The Baltimore office of the EEOC has assigned the case to the Baltimore Community Relations Commission, the city agency charged with investigating discrimination complaints. Director Alvin Gillard said his agency could not comment on a specific case.
At a Tuesday meeting of the Baltimore chapter of the National Association for the Advancement of Colored People, Police Commissioner Frederick Bealefeld said the charges in the case had been sustained by the police department’s EEOC unit. In an interview Thursday, Bealefeld confirmed he made the statement, but declined to make further comment.
Sources familiar with the probe said police investigators have sustained the charges of discrimination against Lt. James Hagin, subject of the complaint, and charged two other detectives with filing false reports and tampering with evidence. In the complaint, filed with the EEOC, Sgt. Kelvin Sewell, a 20- year veteran of the force and supervisor in the homicide division, alleged one of his commanders ordered him on March 3 to look at Ku Klux Klan sites.
The sites, the March 5 complaint alleges, focus on a KKK rally that had occurred two years earlier near Sewell’s Cecil County home.
“He pulled up approximately 25-30 Web sites of the KKK,” Sewell wrote in the complaint. “This activity went on for over one hour before I was able to leave his office.”
According to investigators, a homicide detective removed Hagin’s hard drive from the computer in his office after Sewell filed his complaint, and attempted to acquire a new hard drive from the department’s technology unit. Another veteran homicide detective gave statements discrediting Sewell’s story, but investigators later determined he was not present when the incident occurred.

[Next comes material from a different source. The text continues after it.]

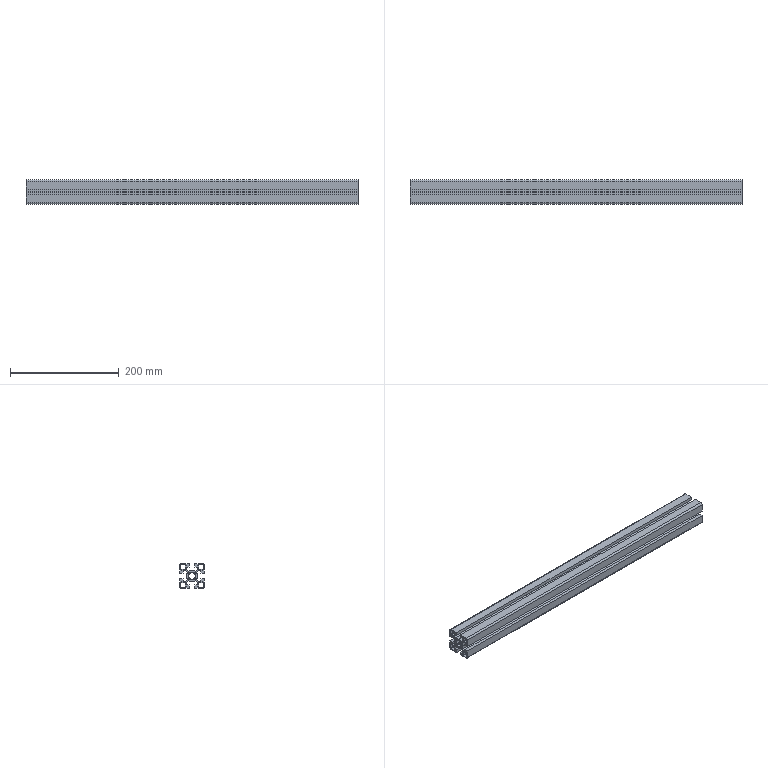Component | SolidWorks | 40-40AluminumProfileFrame-1_CAF8-4545-100FF-3-1 | 1 solid | 131 faces | volume 479445 mm3 | plane 82 | cylinder 49 | commonest cylinder face diameters 2 x18 3 x12 1 x10 12.5 x5 6 x4

The officers will now face a police trial board, which will rule on the charges and decide punishment. Marvin “Doc” Cheatham, president of the NAACP Baltimore chapter, lauded the police department for completing the investigation.
“We are happy that the case has been completed and we appreciate Commissioner Bealefeld being forthcoming,” Cheatham said. “But I think this shows we have work to do in addressing discrimination inside the department.”